Learning to Explore in Diverse Reward Settings via Temporal-Difference-Error Maximization

TL;DR

The paper tackles robust exploration across diverse reward settings by decoupling exploration from exploitation and maximizing the absolute TD-error. It proposes Stable Error-seeking Exploration (SEE), which combines two innovations: (i) mixing exploitation and exploration policies into a single behavior policy using a Boltzmann mixture over relative advantages, (ii) adopting a maximum reward update and (iii) conditioning the exploration value function on the exploitation value via fingerprinting to handle non-stationarity. SEE is instantiated with SAC and TD3 and evaluated across dense, sparse, and exploration-adverse rewards, demonstrating strong robustness without hyperparameter tuning and clear gains in adverse settings. The approach broadens practical applicability of exploration strategies in off-policy RL, with ablations confirming the contribution of each design choice.

Abstract

Numerous heuristics and advanced approaches have been proposed for exploration in different settings for deep reinforcement learning. Noise-based exploration generally fares well with dense-shaped rewards and bonus-based exploration with sparse rewards. However, these methods usually require additional tuning to deal with undesirable reward settings by adjusting hyperparameters and noise distributions. Rewards that actively discourage exploration, i.e., with an action cost and no other dense signal to follow, can pose a major challenge.
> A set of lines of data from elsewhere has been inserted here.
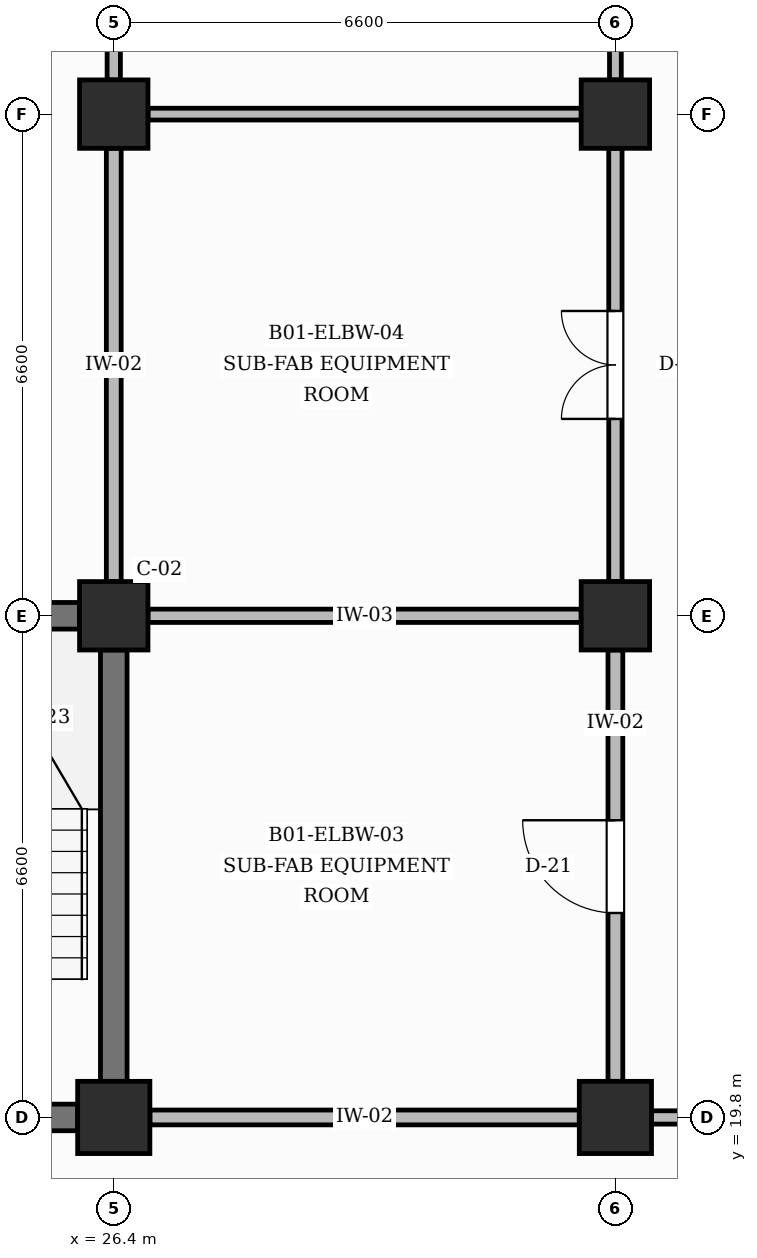
"""IFC4 building model, lengths in metres.
Left out: names, types, materials, properties, quantities, classifications, styles, units other than length and angle.
Written with IfcOpenShell. Run it as: python <this file> out.ifc"""

import sys

from ifc_helpers import new_model, si_unit, direction, frame, frame_2d, origin, origin_2d, place, context, subcontext, project, spatial, rectangle, extrude, element, fill, save


model = new_model("IFC4")
c1 = context("Model", 3, precision=1e-05, world=origin(), true_north=direction((0.0, 1.0)))
c2 = subcontext(c1, "Body", "Model", "MODEL_VIEW")
j1 = project(units=[si_unit("LENGTHUNIT", "METRE"), si_unit("PLANEANGLEUNIT", "RADIAN")], contexts=[c1])
p1 = place(None, origin())
s1 = spatial("IfcSite", under=j1, at=p1, CompositionType="ELEMENT")
p2 = place(p1, origin())
s2 = spatial("IfcBuilding", under=s1, at=p2, CompositionType="ELEMENT")
p3 = place(p2, frame((0.0, 0.0, -4.5)))
s3 = spatial("IfcBuildingStorey", under=s2, at=p3, CompositionType="ELEMENT", Elevation=-4.5)
p4 = place(p3, frame((26.4, 19.8, 0.0), z_axis=(0.0, 0.0, 1.0), x_axis=(1.0, 0.0, 0.0)))
e1 = element("IfcColumn", 1, at=p4, inside=s3, PredefinedType="COLUMN", context=c2, shape_type="SweptSolid", body=[
    extrude(rectangle(XDim=0.95, YDim=0.95, at=origin_2d()), origin(), (0.0, 0.0, 1.0), 4.5),
])
for number, where, z_axis, x_axis in (
    (2, (26.4, 26.4, 0.0), (0.0, 0.0, 1.0), (1.0, 0.0, 0.0)),
    (3, (26.4, 33.0, 0.0), (0.0, 0.0, 1.0), (1.0, 0.0, 0.0)),
):
    element("IfcColumn", number, at=place(p3, frame(where, z_axis=z_axis, x_axis=x_axis)), inside=s3, PredefinedType="COLUMN", context=c2, shape_type="SweptSolid", body=[
        extrude(rectangle(XDim=0.9, YDim=0.9, at=origin_2d()), origin(), (0.0, 0.0, 1.0), 4.5),
    ])
p5 = place(p3, frame((33.0, 19.8, 0.0), z_axis=(0.0, 0.0, 1.0), x_axis=(1.0, 0.0, 0.0)))
e4 = element("IfcColumn", 4, at=p5, inside=s3, PredefinedType="COLUMN", context=c2, shape_type="SweptSolid", body=[
    extrude(rectangle(XDim=0.95, YDim=0.95, at=origin_2d()), origin(), (0.0, 0.0, 1.0), 4.5),
])
for number, where, z_axis, x_axis in (
    (5, (33.0, 26.4, 0.0), (0.0, 0.0, 1.0), (1.0, 0.0, 0.0)),
    (6, (33.0, 33.0, 0.0), (0.0, 0.0, 1.0), (1.0, 0.0, 0.0)),
):
    element("IfcColumn", number, at=place(p3, frame(where, z_axis=z_axis, x_axis=x_axis)), inside=s3, PredefinedType="COLUMN", context=c2, shape_type="SweptSolid", body=[
        extrude(rectangle(XDim=0.9, YDim=0.9, at=origin_2d()), origin(), (0.0, 0.0, 1.0), 4.5),
    ])
p6 = place(p3, frame((20.275, 19.8, 0.0), z_axis=(0.0, 0.0, 1.0), x_axis=(1.0, 0.0, 0.0)))
e7 = element("IfcWall", 7, at=p6, inside=s3, PredefinedType="SHEAR", context=c2, shape_type="SweptSolid", body=[
    extrude(rectangle(XDim=5.65, YDim=0.35, at=frame_2d((2.825, 0.0))), origin(), (0.0, 0.0, 1.0), 3.24),
])
p7 = place(p6, frame((2.275, 0.0, 0.0)))
e8 = element("IfcOpeningElement", 8, at=p7, cuts=e7, PredefinedType="OPENING", context=c2, shape_type="SweptSolid", body=[
    extrude(rectangle(XDim=1.1, YDim=2.15, at=frame_2d((0.55, 1.075))), frame((0.0, 0.185, 0.0), z_axis=(0.0, -1.0, 0.0), x_axis=(1.0, 0.0, 0.0)), (0.0, 0.0, 1.0), 0.37),
])
for number, where, z_axis, x_axis in (
    (9, (20.275, 26.4, 0.0), (0.0, 0.0, 1.0), (1.0, 0.0, 0.0)),
    (10, (26.4, 20.275, 0.0), (0.0, 0.0, 1.0), (0.0, 1.0, 0.0)),
):
    element("IfcWall", number, at=place(p3, frame(where, z_axis=z_axis, x_axis=x_axis)), inside=s3, PredefinedType="SHEAR", context=c2, shape_type="SweptSolid", body=[
        extrude(rectangle(XDim=5.675, YDim=0.35, at=frame_2d((2.837, 0.0))), origin(), (0.0, 0.0, 1.0), 3.34),
    ])
p8 = place(p3, frame((26.4, 26.85, 0.0), z_axis=(0.0, 0.0, 1.0), x_axis=(0.0, 1.0, 0.0)))
e11 = element("IfcWall", 11, at=p8, inside=s3, PredefinedType="PARTITIONING", context=c2, shape_type="SweptSolid", body=[
    extrude(rectangle(XDim=5.7, YDim=0.195, at=frame_2d((2.85, 0.0))), origin(), (0.0, 0.0, 1.0), 3.34),
])
p9 = place(p3, frame((26.4, 33.45, 0.0), z_axis=(0.0, 0.0, 1.0), x_axis=(0.0, 1.0, 0.0)))
e12 = element("IfcWall", 12, at=p9, inside=s3, PredefinedType="PARTITIONING", context=c2, shape_type="SweptSolid", body=[
    extrude(rectangle(XDim=5.7, YDim=0.175, at=frame_2d((2.85, 0.0))), origin(), (0.0, 0.0, 1.0), 3.34),
])
p10 = place(p3, frame((26.875, 19.8, 0.0), z_axis=(0.0, 0.0, 1.0), x_axis=(1.0, 0.0, 0.0)))
e13 = element("IfcWall", 13, at=p10, inside=s3, PredefinedType="PARTITIONING", context=c2, shape_type="SweptSolid", body=[
    extrude(rectangle(XDim=5.65, YDim=0.195, at=frame_2d((2.825, 0.0))), origin(), (0.0, 0.0, 1.0), 3.34),
])
p11 = place(p3, frame((33.0, 20.275, 0.0), z_axis=(0.0, 0.0, 1.0), x_axis=(0.0, 1.0, 0.0)))
e14 = element("IfcWall", 14, at=p11, inside=s3, PredefinedType="PARTITIONING", context=c2, shape_type="SweptSolid", body=[
    extrude(rectangle(XDim=5.675, YDim=0.195, at=frame_2d((2.837, 0.0))), origin(), (0.0, 0.0, 1.0), 3.34),
])
p12 = place(p11, frame((2.215, 0.0, 0.0)))
e15 = element("IfcOpeningElement", 15, at=p12, cuts=e14, PredefinedType="OPENING", context=c2, shape_type="SweptSolid", body=[
    extrude(rectangle(XDim=1.22, YDim=2.15, at=frame_2d((0.61, 1.075))), frame((0.0, 0.107, 0.0), z_axis=(0.0, -1.0, 0.0), x_axis=(1.0, 0.0, 0.0)), (0.0, 0.0, 1.0), 0.215),
])
p13 = place(p3, frame((26.85, 26.4, 0.0), z_axis=(0.0, 0.0, 1.0), x_axis=(1.0, 0.0, 0.0)))
e16 = element("IfcWall", 16, at=p13, inside=s3, PredefinedType="PARTITIONING", context=c2, shape_type="SweptSolid", body=[
    extrude(rectangle(XDim=5.7, YDim=0.175, at=frame_2d((2.85, 0.0))), origin(), (0.0, 0.0, 1.0), 3.24),
])
p14 = place(p3, frame((33.0, 26.85, 0.0), z_axis=(0.0, 0.0, 1.0), x_axis=(0.0, 1.0, 0.0)))
e17 = element("IfcWall", 17, at=p14, inside=s3, PredefinedType="PARTITIONING", context=c2, shape_type="SweptSolid", body=[
    extrude(rectangle(XDim=5.7, YDim=0.175, at=frame_2d((2.85, 0.0))), origin(), (0.0, 0.0, 1.0), 3.34),
])
p15 = place(p14, frame((2.14, 0.0, 0.0)))
e18 = element("IfcOpeningElement", 18, at=p15, cuts=e17, PredefinedType="OPENING", context=c2, shape_type="SweptSolid", body=[
    extrude(rectangle(XDim=1.42, YDim=2.2, at=frame_2d((0.71, 1.1))), frame((0.0, 0.097, 0.0), z_axis=(0.0, -1.0, 0.0), x_axis=(1.0, 0.0, 0.0)), (0.0, 0.0, 1.0), 0.195),
])
p16 = place(p3, frame((26.85, 33.0, 0.0), z_axis=(0.0, 0.0, 1.0), x_axis=(1.0, 0.0, 0.0)))
e19 = element("IfcWall", 19, at=p16, inside=s3, PredefinedType="PARTITIONING", context=c2, shape_type="SweptSolid", body=[
    extrude(rectangle(XDim=5.7, YDim=0.155, at=frame_2d((2.85, 0.0))), origin(), (0.0, 0.0, 1.0), 3.34),
])
p17 = place(p3, frame((33.0, 33.45, 0.0), z_axis=(0.0, 0.0, 1.0), x_axis=(0.0, 1.0, 0.0)))
e20 = element("IfcWall", 20, at=p17, inside=s3, PredefinedType="PARTITIONING", context=c2, shape_type="SweptSolid", body=[
    extrude(rectangle(XDim=5.7, YDim=0.155, at=frame_2d((2.85, 0.0))), origin(), (0.0, 0.0, 1.0), 3.34),
])
p18 = place(p17, frame((2.24, 0.0, 0.0)))
e21 = element("IfcOpeningElement", 21, at=p18, cuts=e20, PredefinedType="OPENING", context=c2, shape_type="SweptSolid", body=[
    extrude(rectangle(XDim=1.22, YDim=2.15, at=frame_2d((0.61, 1.075))), frame((0.0, 0.087, 0.0), z_axis=(0.0, -1.0, 0.0), x_axis=(1.0, 0.0, 0.0)), (0.0, 0.0, 1.0), 0.175),
])
p19 = place(p3, frame((33.475, 19.8, 0.0), z_axis=(0.0, 0.0, 1.0), x_axis=(1.0, 0.0, 0.0)))
e22 = element("IfcWall", 22, at=p19, inside=s3, PredefinedType="PARTITIONING", context=c2, shape_type="SweptSolid", body=[
    extrude(rectangle(XDim=5.675, YDim=0.175, at=frame_2d((2.837, 0.0))), origin(), (0.0, 0.0, 1.0), 3.24),
])
p20 = place(p19, frame((1.925, 0.0, 0.0)))
e23 = element("IfcOpeningElement", 23, at=p20, cuts=e22, PredefinedType="OPENING", context=c2, shape_type="SweptSolid", body=[
    extrude(rectangle(XDim=1.8, YDim=2.3, at=frame_2d((0.9, 1.15))), frame((0.0, 0.097, 0.0), z_axis=(0.0, -1.0, 0.0), x_axis=(1.0, 0.0, 0.0)), (0.0, 0.0, 1.0), 0.195),
])
p21 = place(p12, origin())
e24 = element("IfcDoor", 24, at=p21, inside=s3, OperationType="SINGLE_SWING_RIGHT", PredefinedType="DOOR", context=c2, shape_type="SweptSolid", body=[
    extrude(rectangle(XDim=1.22, YDim=2.15, at=frame_2d((0.61, 1.075))), frame((0.0, 0.025, 0.0), z_axis=(0.0, -1.0, 0.0), x_axis=(1.0, 0.0, 0.0)), (0.0, 0.0, 1.0), 0.05),
])
fill(e15, e24)
p22 = place(p15, origin())
e25 = element("IfcDoor", 25, at=p22, inside=s3, OperationType="DOUBLE_DOOR_SINGLE_SWING", PredefinedType="DOOR", context=c2, shape_type="SweptSolid", body=[
    extrude(rectangle(XDim=1.42, YDim=2.2, at=frame_2d((0.71, 1.1))), frame((0.0, 0.025, 0.0), z_axis=(0.0, -1.0, 0.0), x_axis=(1.0, 0.0, 0.0)), (0.0, 0.0, 1.0), 0.05),
])
fill(e18, e25)
save(model, sys.argv[1])

We propose a novel exploration method, Stable Error-seeking Exploration (SEE), that is robust across dense, sparse, and exploration-adverse reward settings. To this endeavor, we revisit the idea of maximizing the TD-error as a separate objective. Our method introduces three design choices to mitigate instability caused by far-off-policy learning, the conflict of interest of maximizing the cumulative TD-error in an episodic setting, and the non-stationary nature of TD-errors. SEE can be combined with off-policy algorithms without modifying the optimization pipeline of the original objective. In our experimental analysis, we show that a Soft-Actor Critic agent with the addition of SEE performs robustly across three diverse reward settings in a variety of tasks without hyperparameter adjustments.

Paper Structure

This paper contains 21 sections, 6 equations, 8 figures, 2 tables, 1 algorithm.

Figures (8)

  • Figure 1: Example of a mixed behavior policy of two deterministic policies $\pi_1, \pi_2$ going towards their respective goals. An action moves a maximum distance of $0.05$ on a plane of the size of $2 \times 2$. The respective action-value functions assume a reward of $1$ and termination at their target position, $0$ elsewhere. We use a discount factor of $0.9$.
  • Figure 2: Fingerprinting $\phi$ is used to condition a value function $Q^\omega$ on another value function $Q^\theta$.
  • Figure 3: Comparing SAC+SEE and TD3+SEE to their respective base algorithms across multiple environments in different reward settings. The plots show the average evaluation return across $20$ seeds per environment variant. The shaded regions indicate the standard error.
  • Figure 4: Comparing SAC+SEE to ablations where one of the design choices is replaced. The graphs show the average evaluation return across $10$ seeds per environment variant. The shaded regions indicate the standard error.
  • Figure 5: The graphs show the normalized aggregated average returns grouped by reward setting for all ablations. The normalization assigns the value $0$ to the single worst run in an environment variant and $1$ to the single best run.